When planning any experiment involving genetic editing technologies, it is difficult to anticipate all the hazards and potential consequences that may affect the environment or humans. The potential drive of genes can disrupt the delicate balance of an ecosystem. In addition, the capability of genetic editing is an incredibly powerful tool that requires strict control and regulation.
Nevertheless, these technologies will inevitably become more and more integrated into human life. Genetic editing technologies allow us to effectively treat numerous inherited genetic diseases, cancerous conditions, fight aging, and develop new approaches to treat diseases caused by various pathogens, viruses or microbes.
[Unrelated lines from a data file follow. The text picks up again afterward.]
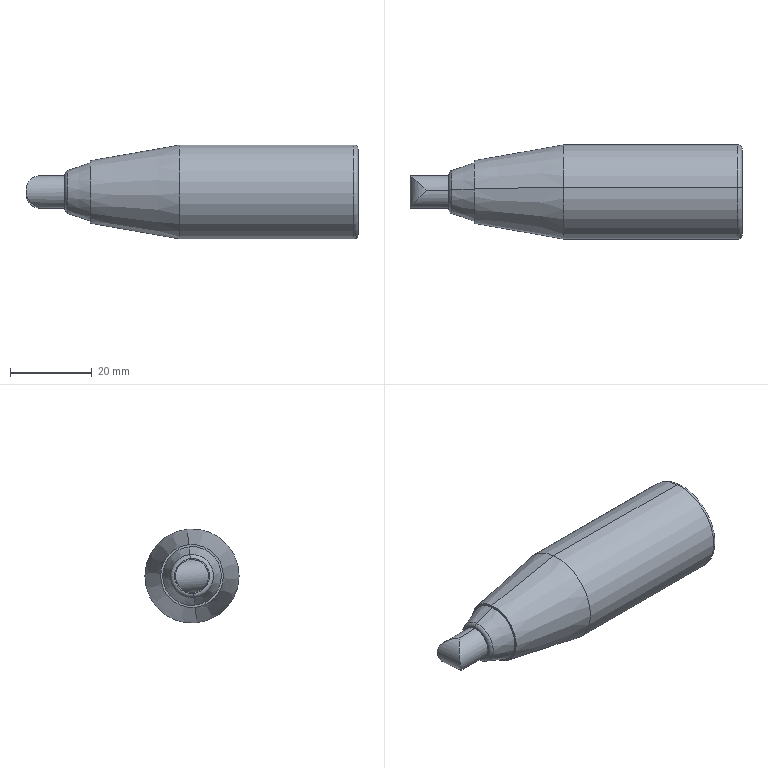Component | SolidWorks | PHSLN125-1_PHSLN_HANDLE125-1 | 1 solid | 16 faces | box 81 x 23 x 23 mm | volume 25609 mm3 | cylinder 5 | torus 4 | cone 4 | plane 3 | commonest cylinder face diameters 8 x3 23 x2
build123d program:
from build123d import *

# Parameters (mm, degrees)
CUT_EXTRUDE1_DEPTH      = 23
CUT_EXTRUDE1_DEPTH_BACK = 23
SKETCH2_W               = 250
SKETCH2_H               = 250


with BuildPart() as part:
    # Sketch1 → Revolve1 (revolve)
    with BuildSketch(Plane.XY, mode=Mode.PRIVATE) as revolve1_sk:
        with BuildLine():
            Line((0, 0), (0, 4))
            Line((0, 4), (9.5, 4))
            Line((9.5, 4), (9.5, 4.29))
            ThreePointArc((9.5, 4.29), (9.685, 4.869), (10.17, 5.234))
            Line((10.17, 5.234), (15.7, 7.167))
            Line((15.7, 7.167), (15.7, 7.667))
            Line((15.7, 7.667), (37.467, 11.5))
            Line((37.467, 11.5), (80, 11.5))
            ThreePointArc((80, 11.5), (80.707, 11.207), (81, 10.5))
            Line((81, 10.5), (81, 0))
            Line((81, 0), (0, 0))
        make_face()
    revolve(revolve1_sk.sketch.rotate(Axis((81, 0, 0), (-1, 0, 0)), 270), axis=Axis((81, 0, 0), (-1, 0, 0)))

    # Sketch2 → Cut-Extrude1 (cut, two sides: drawn at the far end of the back side and taken through both)
    with BuildSketch(Plane(origin=(0, 0, 0), x_dir=(1, 0, 0), z_dir=(0, 1, 0)).offset(-CUT_EXTRUDE1_DEPTH_BACK)):
        with Locations((62.5, 62.5)):
            Rectangle(SKETCH2_W, SKETCH2_H)
        with BuildLine():
            Line((4, -4), (9.5, -4))
            Line((9.5, -4), (9.5, -4.29))
            ThreePointArc((9.5, -4.29), (9.685, -4.869), (10.17, -5.234))
            Line((10.17, -5.234), (15.7, -7.167))
            Line((15.7, -7.167), (15.7, -7.667))
            Line((15.7, -7.667), (37.467, -11.5))
            Line((37.467, -11.5), (80, -11.5))
            ThreePointArc((80, -11.5), (80.707, -11.207), (81, -10.5))
            Line((81, -10.5), (81, 10.5))
            ThreePointArc((81, 10.5), (80.707, 11.207), (80, 11.5))
            Line((80, 11.5), (37.467, 11.5))
            Line((37.467, 11.5), (15.7, 7.667))
            Line((15.7, 7.667), (15.7, 7.167))
            Line((15.7, 7.167), (10.17, 5.234))
            ThreePointArc((10.17, 5.234), (9.685, 4.869), (9.5, 4.29))
            Line((9.5, 4.29), (9.5, 4))
            Line((9.5, 4), (4, 4))
            ThreePointArc((4, 4), (1.172, 2.828), (0, 0))
            ThreePointArc((0, 0), (1.172, -2.828), (4, -4))
        make_face(mode=Mode.SUBTRACT)
    extrude(amount=CUT_EXTRUDE1_DEPTH + CUT_EXTRUDE1_DEPTH_BACK, mode=Mode.SUBTRACT)


solid = part.part

# Placed as in the assembly
solid = solid.moved(Location((601.5, 80.244, -5.079), (174.23, 0, 0)))
STEP:
#1=COLOUR_RGB('',0.7922,0.8196,0.9333);
#2=FILL_AREA_STYLE_COLOUR('',#1);
#3=FILL_AREA_STYLE('',(#2));
#4=SURFACE_STYLE_FILL_AREA(#3);
#5=SURFACE_SIDE_STYLE('',(#4));
#6=SURFACE_STYLE_USAGE(.BOTH.,#5);
#7=PRESENTATION_STYLE_ASSIGNMENT((#6));
#8=CARTESIAN_POINT('',(26.87,3.201,0.2113));
#9=VERTEX_POINT('',#8);
#10=CARTESIAN_POINT('',(26.87,3.118,-0.6112));
#11=VERTEX_POINT('',#10);
#12=CARTESIAN_POINT('',(26.87,3.159,-0.2));
#13=DIRECTION('',(-1.,-0.,0.));
#14=DIRECTION('',(0.,0.1006,0.9949));
#15=AXIS2_PLACEMENT_3D('',#12,#13,#14);
#16=CIRCLE('',#15,0.4134);
#17=EDGE_CURVE('',#9,#11,#16,.T.);
#18=ORIENTED_EDGE('',*,*,#17,.T.);
#19=CARTESIAN_POINT('',(26.831,3.114,-0.6504));
#20=VERTEX_POINT('',#19);
#21=CARTESIAN_POINT('',(26.831,3.118,-0.6112));
#22=DIRECTION('',(-0.,0.9949,-0.1006));
#23=DIRECTION('',(0.,0.1006,0.9949));
#24=AXIS2_PLACEMENT_3D('',#21,#22,#23);
#25=CIRCLE('',#24,0.03937);
#26=EDGE_CURVE('',#11,#20,#25,.T.);
#27=ORIENTED_EDGE('',*,*,#26,.T.);
#28=CARTESIAN_POINT('',(26.831,3.205,0.2505));
#29=VERTEX_POINT('',#28);
#30=CARTESIAN_POINT('',(26.831,3.159,-0.2));
#31=DIRECTION('',(-1.,-0.,0.));
#32=DIRECTION('',(0.,0.1006,0.9949));
#33=AXIS2_PLACEMENT_3D('',#30,#31,#32);
#34=CIRCLE('',#33,0.4528);
#35=EDGE_CURVE('',#29,#20,#34,.T.);
#36=ORIENTED_EDGE('',*,*,#35,.F.);
#37=CARTESIAN_POINT('',(26.831,3.201,0.2113));
#38=DIRECTION('',(0.,-0.9949,0.1006));
#39=DIRECTION('',(0.,-0.1006,-0.9949));
#40=AXIS2_PLACEMENT_3D('',#37,#38,#39);
#41=CIRCLE('',#40,0.03937);
#42=EDGE_CURVE('',#9,#29,#41,.T.);
#43=ORIENTED_EDGE('',*,*,#42,.F.);
#44=EDGE_LOOP('',(#18,#27,#36,#43));
#45=FACE_OUTER_BOUND('',#44,.T.);
#46=CARTESIAN_POINT('',(26.831,3.159,-0.2));
#47=DIRECTION('',(-1.,-0.,0.));
#48=DIRECTION('',(0.,0.1006,0.9949));
#49=AXIS2_PLACEMENT_3D('',#46,#47,#48);
#50=TOROIDAL_SURFACE('',#49,0.4134,0.03937);
#51=ADVANCED_FACE('',(#45),#50,.T.);
#52=ORIENTED_EDGE('',*,*,#35,.T.);
#53=CARTESIAN_POINT('',(25.156,3.114,-0.6504));
#54=VERTEX_POINT('',#53);
#55=CARTESIAN_POINT('',(26.87,3.114,-0.6504));
#56=DIRECTION('',(-1.,-0.,0.));
#57=VECTOR('',#56,39.37);
#58=LINE('',#55,#57);
#59=EDGE_CURVE('',#20,#54,#58,.T.);
#60=ORIENTED_EDGE('',*,*,#59,.T.);
#61=CARTESIAN_POINT('',(25.156,3.205,0.2505));
#62=VERTEX_POINT('',#61);
#63=CARTESIAN_POINT('',(25.156,3.159,-0.2));
#64=DIRECTION('',(-1.,-0.,0.));
#65=DIRECTION('',(0.,0.1006,0.9949));
#66=AXIS2_PLACEMENT_3D('',#63,#64,#65);
#67=CIRCLE('',#66,0.4528);
#68=EDGE_CURVE('',#62,#54,#67,.T.);
#69=ORIENTED_EDGE('',*,*,#68,.F.);
#70=CARTESIAN_POINT('',(26.87,3.205,0.2505));
#71=DIRECTION('',(-1.,-0.,0.));
#72=VECTOR('',#71,39.37);
#73=LINE('',#70,#72);
#74=EDGE_CURVE('',#29,#62,#73,.T.);
#75=ORIENTED_EDGE('',*,*,#74,.F.);
#76=EDGE_LOOP('',(#52,#60,#69,#75));
#77=FACE_OUTER_BOUND('',#76,.T.);
#78=CARTESIAN_POINT('',(26.87,3.159,-0.2));
#79=DIRECTION('',(-1.,-0.,0.));
#80=DIRECTION('',(0.,0.1006,0.9949));
#81=AXIS2_PLACEMENT_3D('',#78,#79,#80);
#82=CYLINDRICAL_SURFACE('',#81,0.4528);
#83=ADVANCED_FACE('',(#77),#82,.T.);
#84=CARTESIAN_POINT('',(24.299,3.19,0.1004));
#85=VERTEX_POINT('',#84);
#86=CARTESIAN_POINT('',(24.299,3.129,-0.5003));
#87=VERTEX_POINT('',#86);
#88=CARTESIAN_POINT('',(24.299,3.159,-0.2));
#89=DIRECTION('',(-1.,-0.,0.));
#90=DIRECTION('',(0.,0.1006,0.9949));
#91=AXIS2_PLACEMENT_3D('',#88,#89,#90);
#92=CIRCLE('',#91,0.3018);
#93=EDGE_CURVE('',#85,#87,#92,.T.);
#94=ORIENTED_EDGE('',*,*,#93,.F.);
#95=CARTESIAN_POINT('',(25.156,3.205,0.2505));
#96=DIRECTION('',(0.9848,0.01744,0.1726));
#97=VECTOR('',#96,39.37);
#98=LINE('',#95,#97);
#99=EDGE_CURVE('',#85,#62,#98,.T.);
#100=ORIENTED_EDGE('',*,*,#99,.T.);
#101=ORIENTED_EDGE('',*,*,#68,.T.);
#102=CARTESIAN_POINT('',(25.156,3.114,-0.6504));
#103=DIRECTION('',(0.9848,-0.01744,-0.1726));
#104=VECTOR('',#103,39.37);
#105=LINE('',#102,#104);
#106=EDGE_CURVE('',#87,#54,#105,.T.);
#107=ORIENTED_EDGE('',*,*,#106,.F.);
#108=EDGE_LOOP('',(#94,#100,#101,#107));
#109=FACE_OUTER_BOUND('',#108,.T.);
#110=CARTESIAN_POINT('',(25.156,3.159,-0.2));
#111=DIRECTION('',(1.,0.,-0.));
#112=DIRECTION('',(0.,-0.1006,-0.9949));
#113=AXIS2_PLACEMENT_3D('',#110,#111,#112);
#114=CONICAL_SURFACE('',#113,0.4528,0.1743);
#115=ADVANCED_FACE('',(#109),#114,.T.);
#116=CARTESIAN_POINT('',(24.082,3.18,0.00507));
#117=VERTEX_POINT('',#116);
#118=CARTESIAN_POINT('',(24.082,3.138,-0.405));
#119=VERTEX_POINT('',#118);
#120=CARTESIAN_POINT('',(24.082,3.159,-0.2));
#121=DIRECTION('',(-1.,-0.,0.));
#122=DIRECTION('',(0.,0.1006,0.9949));
#123=AXIS2_PLACEMENT_3D('',#120,#121,#122);
#124=CIRCLE('',#123,0.2061);
#125=EDGE_CURVE('',#117,#119,#124,.T.);
#126=ORIENTED_EDGE('',*,*,#125,.F.);
#127=CARTESIAN_POINT('',(24.299,3.188,0.08077));
#128=VERTEX_POINT('',#127);
#129=CARTESIAN_POINT('',(24.299,3.188,0.08077));
#130=DIRECTION('',(0.944,0.03318,0.3282));
#131=VECTOR('',#130,39.37);
#132=LINE('',#129,#131);
#133=EDGE_CURVE('',#117,#128,#132,.T.);
#134=ORIENTED_EDGE('',*,*,#133,.T.);
#135=CARTESIAN_POINT('',(24.299,3.131,-0.4807));
#136=VERTEX_POINT('',#135);
#137=CARTESIAN_POINT('',(24.299,3.159,-0.2));
#138=DIRECTION('',(-1.,-0.,0.));
#139=DIRECTION('',(0.,0.1006,0.9949));
#140=AXIS2_PLACEMENT_3D('',#137,#138,#139);
#141=CIRCLE('',#140,0.2822);
#142=EDGE_CURVE('',#128,#136,#141,.T.);
#143=ORIENTED_EDGE('',*,*,#142,.T.);
#144=CARTESIAN_POINT('',(24.299,3.131,-0.4807));
#145=DIRECTION('',(0.944,-0.03318,-0.3282));
#146=VECTOR('',#145,39.37);
#147=LINE('',#144,#146);
#148=EDGE_CURVE('',#119,#136,#147,.T.);
#149=ORIENTED_EDGE('',*,*,#148,.F.);
#150=EDGE_LOOP('',(#126,#134,#143,#149));
#151=FACE_OUTER_BOUND('',#150,.T.);
#152=CARTESIAN_POINT('',(24.299,3.159,-0.2));
#153=DIRECTION('',(1.,0.,-0.));
#154=DIRECTION('',(0.,-0.1006,-0.9949));
#155=AXIS2_PLACEMENT_3D('',#152,#153,#154);
#156=CONICAL_SURFACE('',#155,0.2822,0.3362);
#157=ADVANCED_FACE('',(#151),#156,.T.);
#158=ORIENTED_EDGE('',*,*,#125,.T.);
#159=CARTESIAN_POINT('',(24.055,3.142,-0.368));
#160=VERTEX_POINT('',#159);
#161=CARTESIAN_POINT('',(24.094,3.142,-0.368));
#162=DIRECTION('',(-0.,0.9949,-0.1006));
#163=DIRECTION('',(0.,0.1006,0.9949));
#164=AXIS2_PLACEMENT_3D('',#161,#162,#163);
#165=CIRCLE('',#164,0.03937);
#166=EDGE_CURVE('',#119,#160,#165,.T.);
#167=ORIENTED_EDGE('',*,*,#166,.T.);
#168=CARTESIAN_POINT('',(24.055,3.176,-0.03191));
#169=VERTEX_POINT('',#168);
#170=CARTESIAN_POINT('',(24.055,3.159,-0.2));
#171=DIRECTION('',(-1.,-0.,0.));
#172=DIRECTION('',(0.,0.1006,0.9949));
#173=AXIS2_PLACEMENT_3D('',#170,#171,#172);
#174=CIRCLE('',#173,0.1689);
#175=EDGE_CURVE('',#169,#160,#174,.T.);
#176=ORIENTED_EDGE('',*,*,#175,.F.);
#177=CARTESIAN_POINT('',(24.094,3.176,-0.03191));
#178=DIRECTION('',(0.,-0.9949,0.1006));
#179=DIRECTION('',(0.,-0.1006,-0.9949));
#180=AXIS2_PLACEMENT_3D('',#177,#178,#179);
#181=CIRCLE('',#180,0.03937);
#182=EDGE_CURVE('',#117,#169,#181,.T.);
#183=ORIENTED_EDGE('',*,*,#182,.F.);
#184=EDGE_LOOP('',(#158,#167,#176,#183));
#185=FACE_OUTER_BOUND('',#184,.T.);
#186=CARTESIAN_POINT('',(24.094,3.159,-0.2));
#187=DIRECTION('',(-1.,-0.,0.));
#188=DIRECTION('',(0.,0.1006,0.9949));
#189=AXIS2_PLACEMENT_3D('',#186,#187,#188);
#190=TOROIDAL_SURFACE('',#189,0.1689,0.03937);
#191=ADVANCED_FACE('',(#185),#190,.T.);
#192=CARTESIAN_POINT('',(24.055,3.175,-0.04327));
#193=VERTEX_POINT('',#192);
#194=CARTESIAN_POINT('',(24.055,3.143,-0.3566));
#195=VERTEX_POINT('',#194);
#196=CARTESIAN_POINT('',(24.055,3.159,-0.2));
#197=DIRECTION('',(-1.,-0.,0.));
#198=DIRECTION('',(0.,0.1006,0.9949));
#199=AXIS2_PLACEMENT_3D('',#196,#197,#198);
#200=CIRCLE('',#199,0.1575);
#201=EDGE_CURVE('',#193,#195,#200,.T.);
#202=ORIENTED_EDGE('',*,*,#201,.T.);
#203=CARTESIAN_POINT('',(23.839,3.143,-0.3566));
#204=VERTEX_POINT('',#203);
#205=CARTESIAN_POINT('',(26.87,3.143,-0.3566));
#206=DIRECTION('',(-1.,-0.,0.));
#207=VECTOR('',#206,39.37);
#208=LINE('',#205,#207);
#209=EDGE_CURVE('',#195,#204,#208,.T.);
#210=ORIENTED_EDGE('',*,*,#209,.T.);
#211=CARTESIAN_POINT('',(23.839,3.175,-0.04327));
#212=VERTEX_POINT('',#211);
#213=CARTESIAN_POINT('',(23.839,3.175,-0.04327));
#214=CARTESIAN_POINT('',(23.524,3.488,-0.07495));
#215=CARTESIAN_POINT('',(23.524,3.457,-0.3883));
#216=CARTESIAN_POINT('',(23.839,3.143,-0.3566));
#217=(BOUNDED_CURVE()B_SPLINE_CURVE(3,(#213,#214,#215,#216),.UNSPECIFIED.,.F.,.F.)B_SPLINE_CURVE_WITH_KNOTS((4,4),(4.712,7.854),.UNSPECIFIED.)CURVE()GEOMETRIC_REPRESENTATION_ITEM()RATIONAL_B_SPLINE_CURVE((1.,0.3333,0.3333,1.))REPRESENTATION_ITEM(''));
#218=EDGE_CURVE('',#212,#204,#217,.T.);
#219=ORIENTED_EDGE('',*,*,#218,.F.);
#220=CARTESIAN_POINT('',(26.87,3.175,-0.04327));
#221=DIRECTION('',(-1.,-0.,0.));
#222=VECTOR('',#221,39.37);
#223=LINE('',#220,#222);
#224=EDGE_CURVE('',#193,#212,#223,.T.);
#225=ORIENTED_EDGE('',*,*,#224,.F.);
#226=EDGE_LOOP('',(#202,#210,#219,#225));
#227=FACE_OUTER_BOUND('',#226,.T.);
#228=CARTESIAN_POINT('',(26.87,3.159,-0.2));
#229=DIRECTION('',(-1.,-0.,0.));
#230=DIRECTION('',(0.,0.1006,0.9949));
#231=AXIS2_PLACEMENT_3D('',#228,#229,#230);
#232=CYLINDRICAL_SURFACE('',#231,0.1575);
#233=ADVANCED_FACE('',(#227),#232,.T.);
#234=ORIENTED_EDGE('',*,*,#209,.F.);
#235=CARTESIAN_POINT('',(24.055,3.159,-0.2));
#236=DIRECTION('',(-1.,-0.,0.));
#237=DIRECTION('',(0.,0.1006,0.9949));
#238=AXIS2_PLACEMENT_3D('',#235,#236,#237);
#239=CIRCLE('',#238,0.1575);
#240=EDGE_CURVE('',#195,#193,#239,.T.);
#241=ORIENTED_EDGE('',*,*,#240,.T.);
#242=ORIENTED_EDGE('',*,*,#224,.T.);
#243=CARTESIAN_POINT('',(23.839,3.143,-0.3566));
#244=CARTESIAN_POINT('',(23.524,2.83,-0.325));
#245=CARTESIAN_POINT('',(23.524,2.862,-0.0116));
#246=CARTESIAN_POINT('',(23.839,3.175,-0.04327));
#247=(BOUNDED_CURVE()B_SPLINE_CURVE(3,(#243,#244,#245,#246),.UNSPECIFIED.,.F.,.T.)B_SPLINE_CURVE_WITH_KNOTS((4,4),(4.712,7.854),.UNSPECIFIED.)CURVE()GEOMETRIC_REPRESENTATION_ITEM()RATIONAL_B_SPLINE_CURVE((1.,0.3333,0.3333,1.))REPRESENTATION_ITEM(''));
#248=EDGE_CURVE('',#204,#212,#247,.T.);
#249=ORIENTED_EDGE('',*,*,#248,.F.);
#250=EDGE_LOOP('',(#234,#241,#242,#249));
#251=FACE_OUTER_BOUND('',#250,.T.);
#252=CARTESIAN_POINT('',(26.87,3.159,-0.2));
#253=DIRECTION('',(-1.,-0.,0.));
#254=DIRECTION('',(0.,0.1006,0.9949));
#255=AXIS2_PLACEMENT_3D('',#252,#253,#254);
#256=CYLINDRICAL_SURFACE('',#255,0.1575);
#257=ADVANCED_FACE('',(#251),#256,.T.);
#258=ORIENTED_EDGE('',*,*,#201,.F.);
#259=ORIENTED_EDGE('',*,*,#240,.F.);
#260=EDGE_LOOP('',(#258,#259));
#261=FACE_BOUND('',#260,.T.);
#262=ORIENTED_EDGE('',*,*,#175,.T.);
#263=CARTESIAN_POINT('',(24.055,3.159,-0.2));
#264=DIRECTION('',(-1.,-0.,0.));
#265=DIRECTION('',(0.,0.1006,0.9949));
#266=AXIS2_PLACEMENT_3D('',#263,#264,#265);
#267=CIRCLE('',#266,0.1689);
#268=EDGE_CURVE('',#160,#169,#267,.T.);
#269=ORIENTED_EDGE('',*,*,#268,.T.);
#270=EDGE_LOOP('',(#262,#269));
#271=FACE_OUTER_BOUND('',#270,.T.);
#272=CARTESIAN_POINT('',(24.055,3.316,-0.2158));
#273=DIRECTION('',(1.,0.,-0.));
#274=DIRECTION('',(-0.,-0.1006,-0.9949));
#275=AXIS2_PLACEMENT_3D('',#272,#273,#274);
#276=PLANE('',#275);
#277=ADVANCED_FACE('',(#261,#271),#276,.F.);
#278=ORIENTED_EDGE('',*,*,#166,.F.);
#279=CARTESIAN_POINT('',(24.082,3.159,-0.2));
#280=DIRECTION('',(-1.,-0.,0.));
#281=DIRECTION('',(0.,0.1006,0.9949));
#282=AXIS2_PLACEMENT_3D('',#279,#280,#281);
#283=CIRCLE('',#282,0.2061);
#284=EDGE_CURVE('',#119,#117,#283,.T.);
#285=ORIENTED_EDGE('',*,*,#284,.T.);
#286=ORIENTED_EDGE('',*,*,#182,.T.);
#287=ORIENTED_EDGE('',*,*,#268,.F.);
#288=EDGE_LOOP('',(#278,#285,#286,#287));
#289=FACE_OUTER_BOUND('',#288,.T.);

[1] Phan HTL, Kim K, Lee H, Seong JK. Progress in and Prospects of Genome Editing Tools for Human Disease Model Development and Therapeutic Applications. Genes (Basel). 2023 Feb 14;14(2):483. doi: 10.3390/genes14020483. PMID: 36833410; PMCID: PMC9957140.
[2] Van Haasteren, J., Li, J., Scheideler, O.J. et al. The delivery challenge: fulfilling the promise of therapeutic genome editing. Nat Biotechnol 38, 845–855 (2020). https://doi.org/10.1038/s41587-020-0565-5
[3] Santos-Moreno J, Schaerli Y. CRISPR-based gene expression control for synthetic gene circuits. Biochem Soc Trans. 2020 Oct 30;48(5):1979-1993. doi: 10.1042/BST20200020. PMID: 32964920; PMCID: PMC7609024.
[4] Shaytan AK, Novikov RV, Vinnikov RS, Gribkova AK, Glukhov GS. From DNA-protein interactions to the genetic circuit design using CRISPR-dCas systems. Front Mol Biosci. 2022 Dec 14;9:1070526. doi: 10.3389/fmolb.2022.1070526. PMID: 36589238; PMCID: PMC9795063.